Türk Milleti şanına yaraşır bir bağımsızlık marşına kavuşmuştur. Atatürk, marşı çok beğenmiş, duygulandığını belirterek: ''Bu marş, bizim inkılabımızı anlatmaktadır. Bunu her Türk Genci coşkuyla okuyacaktır. ''Diyerek şiirde en beğendiği yerin de:''Hakkıdır, hakka tapan milletimin istiklal '' Mısrasının olduğunu özellikle vurgulamıştır.

Yunanlıların, kalabalık bir orduyla Anadolunun içlerine kadar ilerlediği yoğun savaş ortamında, İstiklal Marşı'nın beste yarışması açılmış; Yunan ordusunun İzmir'de denize döküldüğü olaydan etkilenen sarayın müzik direktörü, Osman Zeki Üngör, hazırladığı besteyi, Atatürk'e teslim etmiş; Gazi besteyi çok beğenince de 1930 Yılında milli marş olarak kabul edilmiştir. Zeki Üngör Bey Ankara'da kurulan Cumhurbaşkanlığı Senfoni Orkestrası şefliğine atanmıştır.
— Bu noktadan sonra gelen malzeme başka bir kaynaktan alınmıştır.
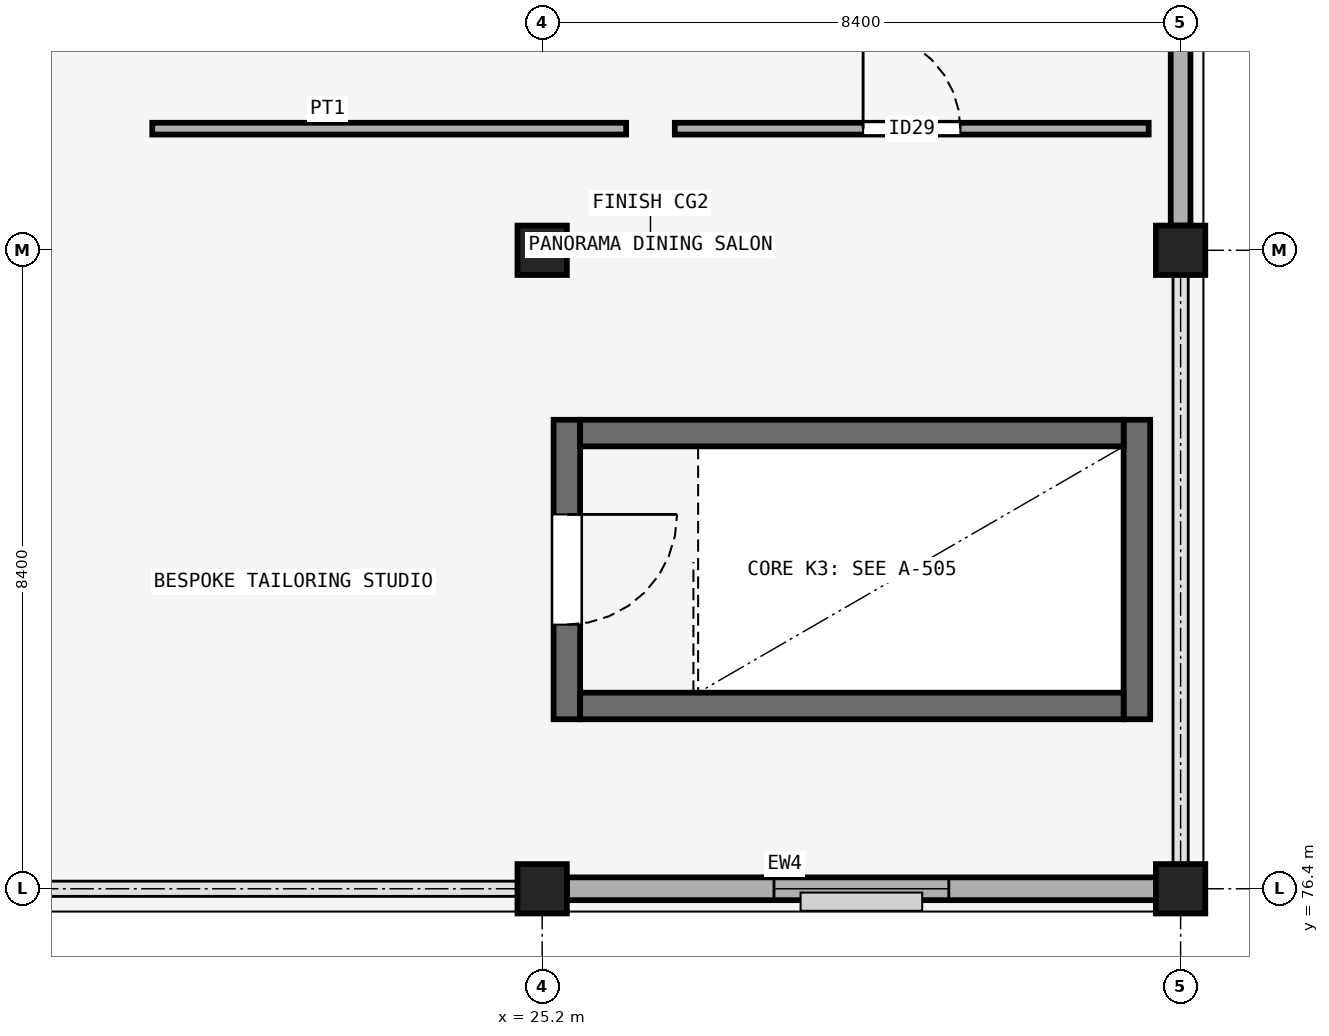
"""IFC4 building model, lengths in metres.
Left out: names, types, materials, properties, quantities, classifications, styles, units other than length and angle.
Written with IfcOpenShell. Run it as: python <this file> out.ifc"""

import sys

from ifc_helpers import new_model, si_unit, direction, frame, frame_2d, origin, origin_2d, place, context, subcontext, project, spatial, rectangle, extrude, element, fill, save


model = new_model("IFC4")
c1 = context("Model", 3, precision=1e-05, world=origin(), true_north=direction((0.0, 1.0)))
c2 = subcontext(c1, "Body", "Model", "MODEL_VIEW")
j1 = project(units=[si_unit("LENGTHUNIT", "METRE"), si_unit("PLANEANGLEUNIT", "RADIAN")], contexts=[c1])
p1 = place(None, origin())
s1 = spatial("IfcSite", under=j1, at=p1, CompositionType="ELEMENT")
p2 = place(p1, origin())
s2 = spatial("IfcBuilding", under=s1, at=p2, CompositionType="ELEMENT")
p3 = place(p2, frame((0.0, 0.0, 32.4)))
s3 = spatial("IfcBuildingStorey", under=s2, at=p3, CompositionType="ELEMENT", Elevation=32.4)
for number, where, z_axis, x_axis in (
    (1, (25.2, 76.4, 0.0), (0.0, 0.0, 1.0), (1.0, 0.0, 0.0)),
    (2, (33.6, 76.4, 0.0), (0.0, 0.0, 1.0), (1.0, 0.0, 0.0)),
    (3, (25.2, 84.8, 0.0), (0.0, 0.0, 1.0), (1.0, 0.0, 0.0)),
    (4, (33.6, 84.8, 0.0), (0.0, 0.0, 1.0), (1.0, 0.0, 0.0)),
):
    element("IfcColumn", number, at=place(p3, frame(where, z_axis=z_axis, x_axis=x_axis)), inside=s3, PredefinedType="COLUMN", context=c2, shape_type="SweptSolid", body=[
        extrude(rectangle(XDim=0.65, YDim=0.65, at=origin_2d()), origin(), (0.0, 0.0, 1.0), 4.5),
    ])
p4 = place(p3, frame((25.525, 76.4, 0.0), z_axis=(0.0, 0.0, 1.0), x_axis=(1.0, 0.0, 0.0)))
e5 = element("IfcWall", 5, at=p4, inside=s3, PredefinedType="SOLIDWALL", context=c2, shape_type="SweptSolid", body=[
    extrude(rectangle(XDim=7.75, YDim=0.3, at=frame_2d((3.875, 0.0))), origin(), (0.0, 0.0, 1.0), 3.49),
])
p5 = place(p4, frame((2.725, 0.0, 0.95)))
e6 = element("IfcOpeningElement", 6, at=p5, cuts=e5, PredefinedType="OPENING", context=c2, shape_type="SweptSolid", body=[
    extrude(rectangle(XDim=2.3, YDim=1.6, at=frame_2d((1.15, 0.8))), frame((0.0, 0.16, 0.0), z_axis=(0.0, -1.0, 0.0), x_axis=(1.0, 0.0, 0.0)), (0.0, 0.0, 1.0), 0.32),
])
p6 = place(p3, frame((33.6, 85.125, 0.0), z_axis=(0.0, 0.0, 1.0), x_axis=(0.0, 1.0, 0.0)))
e7 = element("IfcWall", 7, at=p6, inside=s3, PredefinedType="SOLIDWALL", context=c2, shape_type="SweptSolid", body=[
    extrude(rectangle(XDim=7.75, YDim=0.26, at=frame_2d((3.875, 0.0))), origin(), (0.0, 0.0, 1.0), 3.49),
])
p7 = place(p6, frame((2.65, 0.0, 0.95)))
e8 = element("IfcOpeningElement", 8, at=p7, cuts=e7, PredefinedType="OPENING", context=c2, shape_type="SweptSolid", body=[
    extrude(rectangle(XDim=2.45, YDim=1.85, at=frame_2d((1.225, 0.925))), frame((0.0, 0.14, 0.0), z_axis=(0.0, -1.0, 0.0), x_axis=(1.0, 0.0, 0.0)), (0.0, 0.0, 1.0), 0.28),
])
p8 = place(p3, frame((25.525, 82.57, 0.0), z_axis=(0.0, 0.0, 1.0), x_axis=(0.0, -1.0, 0.0)))
e9 = element("IfcWall", 9, at=p8, inside=s3, PredefinedType="SHEAR", context=c2, shape_type="SweptSolid", body=[
    extrude(rectangle(XDim=3.94, YDim=0.35, at=frame_2d((1.97, 0.0))), origin(), (0.0, 0.0, 1.0), 4.24),
])
p9 = place(p8, frame((1.245, 0.0, 0.0)))
e10 = element("IfcOpeningElement", 10, at=p9, cuts=e9, PredefinedType="OPENING", context=c2, shape_type="SweptSolid", body=[
    extrude(rectangle(XDim=1.45, YDim=2.2, at=frame_2d((0.725, 1.1))), frame((0.0, 0.185, 0.0), z_axis=(0.0, -1.0, 0.0), x_axis=(1.0, 0.0, 0.0)), (0.0, 0.0, 1.0), 0.37),
])
p10 = place(p3, frame((33.025, 78.63, 0.0), z_axis=(0.0, 0.0, 1.0), x_axis=(0.0, 1.0, 0.0)))
e11 = element("IfcWall", 11, at=p10, inside=s3, PredefinedType="SHEAR", context=c2, shape_type="SweptSolid", body=[
    extrude(rectangle(XDim=3.94, YDim=0.35, at=frame_2d((1.97, 0.0))), origin(), (0.0, 0.0, 1.0), 4.24),
])
for number, where, z_axis, x_axis in (
    (12, (25.7, 78.805, 0.0), (0.0, 0.0, 1.0), (1.0, 0.0, 0.0)),
    (13, (25.7, 82.395, 0.0), (0.0, 0.0, 1.0), (1.0, 0.0, 0.0)),
):
    element("IfcWall", number, at=place(p3, frame(where, z_axis=z_axis, x_axis=x_axis)), inside=s3, PredefinedType="SHEAR", context=c2, shape_type="SweptSolid", body=[
        extrude(rectangle(XDim=7.15, YDim=0.35, at=frame_2d((3.575, 0.0))), origin(), (0.0, 0.0, 1.0), 4.24),
    ])
p11 = place(p3, frame((20.07, 86.4, 0.0), z_axis=(0.0, 0.0, 1.0), x_axis=(1.0, 0.0, 0.0)))
e14 = element("IfcWall", 14, at=p11, inside=s3, PredefinedType="PARTITIONING", context=c2, shape_type="SweptSolid", body=[
    extrude(rectangle(XDim=6.235, YDim=0.155, at=frame_2d((3.117, 0.0))), origin(), (0.0, 0.0, 1.0), 3.54),
])
p12 = place(p3, frame((26.945, 86.4, 0.0), z_axis=(0.0, 0.0, 1.0), x_axis=(1.0, 0.0, 0.0)))
e15 = element("IfcWall", 15, at=p12, inside=s3, PredefinedType="PARTITIONING", context=c2, shape_type="SweptSolid", body=[
    extrude(rectangle(XDim=6.235, YDim=0.155, at=frame_2d((3.117, 0.0))), origin(), (0.0, 0.0, 1.0), 4.24),
])
p13 = place(p12, frame((2.478, 0.0, 0.0)))
e16 = element("IfcOpeningElement", 16, at=p13, cuts=e15, PredefinedType="OPENING", context=c2, shape_type="SweptSolid", body=[
    extrude(rectangle(XDim=1.28, YDim=2.34, at=frame_2d((0.64, 1.17))), frame((0.0, 0.087, 0.0), z_axis=(0.0, -1.0, 0.0), x_axis=(1.0, 0.0, 0.0)), (0.0, 0.0, 1.0), 0.175),
])
p14 = place(p5, origin())
e17 = element("IfcWindow", 17, at=p14, inside=s3, PartitioningType="DOUBLE_PANEL_VERTICAL", PredefinedType="WINDOW", context=c2, shape_type="SweptSolid", body=[
    extrude(rectangle(XDim=2.3, YDim=1.6, at=frame_2d((1.15, 0.8))), frame((0.0, 0.03, 0.0), z_axis=(0.0, -1.0, 0.0), x_axis=(1.0, 0.0, 0.0)), (0.0, 0.0, 1.0), 0.06),
])
fill(e6, e17)
p15 = place(p9, origin())
e18 = element("IfcDoor", 18, at=p15, inside=s3, OperationType="SINGLE_SWING_LEFT", PredefinedType="DOOR", context=c2, shape_type="SweptSolid", body=[
    extrude(rectangle(XDim=1.45, YDim=2.2, at=frame_2d((0.725, 1.1))), frame((0.0, 0.025, 0.0), z_axis=(0.0, -1.0, 0.0), x_axis=(1.0, 0.0, 0.0)), (0.0, 0.0, 1.0), 0.05),
])
fill(e10, e18)
p16 = place(p13, origin())
e19 = element("IfcDoor", 19, at=p16, inside=s3, OperationType="SINGLE_SWING_LEFT", PredefinedType="DOOR", context=c2, shape_type="SweptSolid", body=[
    extrude(rectangle(XDim=1.28, YDim=2.34, at=frame_2d((0.64, 1.17))), frame((0.0, 0.025, 0.0), z_axis=(0.0, -1.0, 0.0), x_axis=(1.0, 0.0, 0.0)), (0.0, 0.0, 1.0), 0.05),
])
fill(e16, e19)
save(model, sys.argv[1])

İstiklal Marşımız, şehitlerimizin kanlarının su gibi aktığı bir günde yazılmış; ordularımızın yedi düvele ders verdiği Zafer Gününde de bestelenmiştir.

Bugün Türk Çocuklarının İstiklal Marşımızı coşkuyla söylemesi ve kendilerinden sonra gelecek olan kuşaklara da aynı heyecanla aktarmak boynunun borcudur.

Geçmişten ders alınmalı...

Tarih tekerrür etmemeli...Yeni ufuklar açılmalı...

Mehmet Akif Ersoyun dediği gibi:''Allah bu millete bir daha İstiklal Marşı yazdırmasın...! ''

 

 

 
Toplam blog
: 1521
: 1639
Kayıt tarihi
: 23.06.07
 
 

İnsan yontmakla geçti ömr-ü baharı... Güzel ve canlı heykeller yaptı... Kimisinin içi çabuk boşal..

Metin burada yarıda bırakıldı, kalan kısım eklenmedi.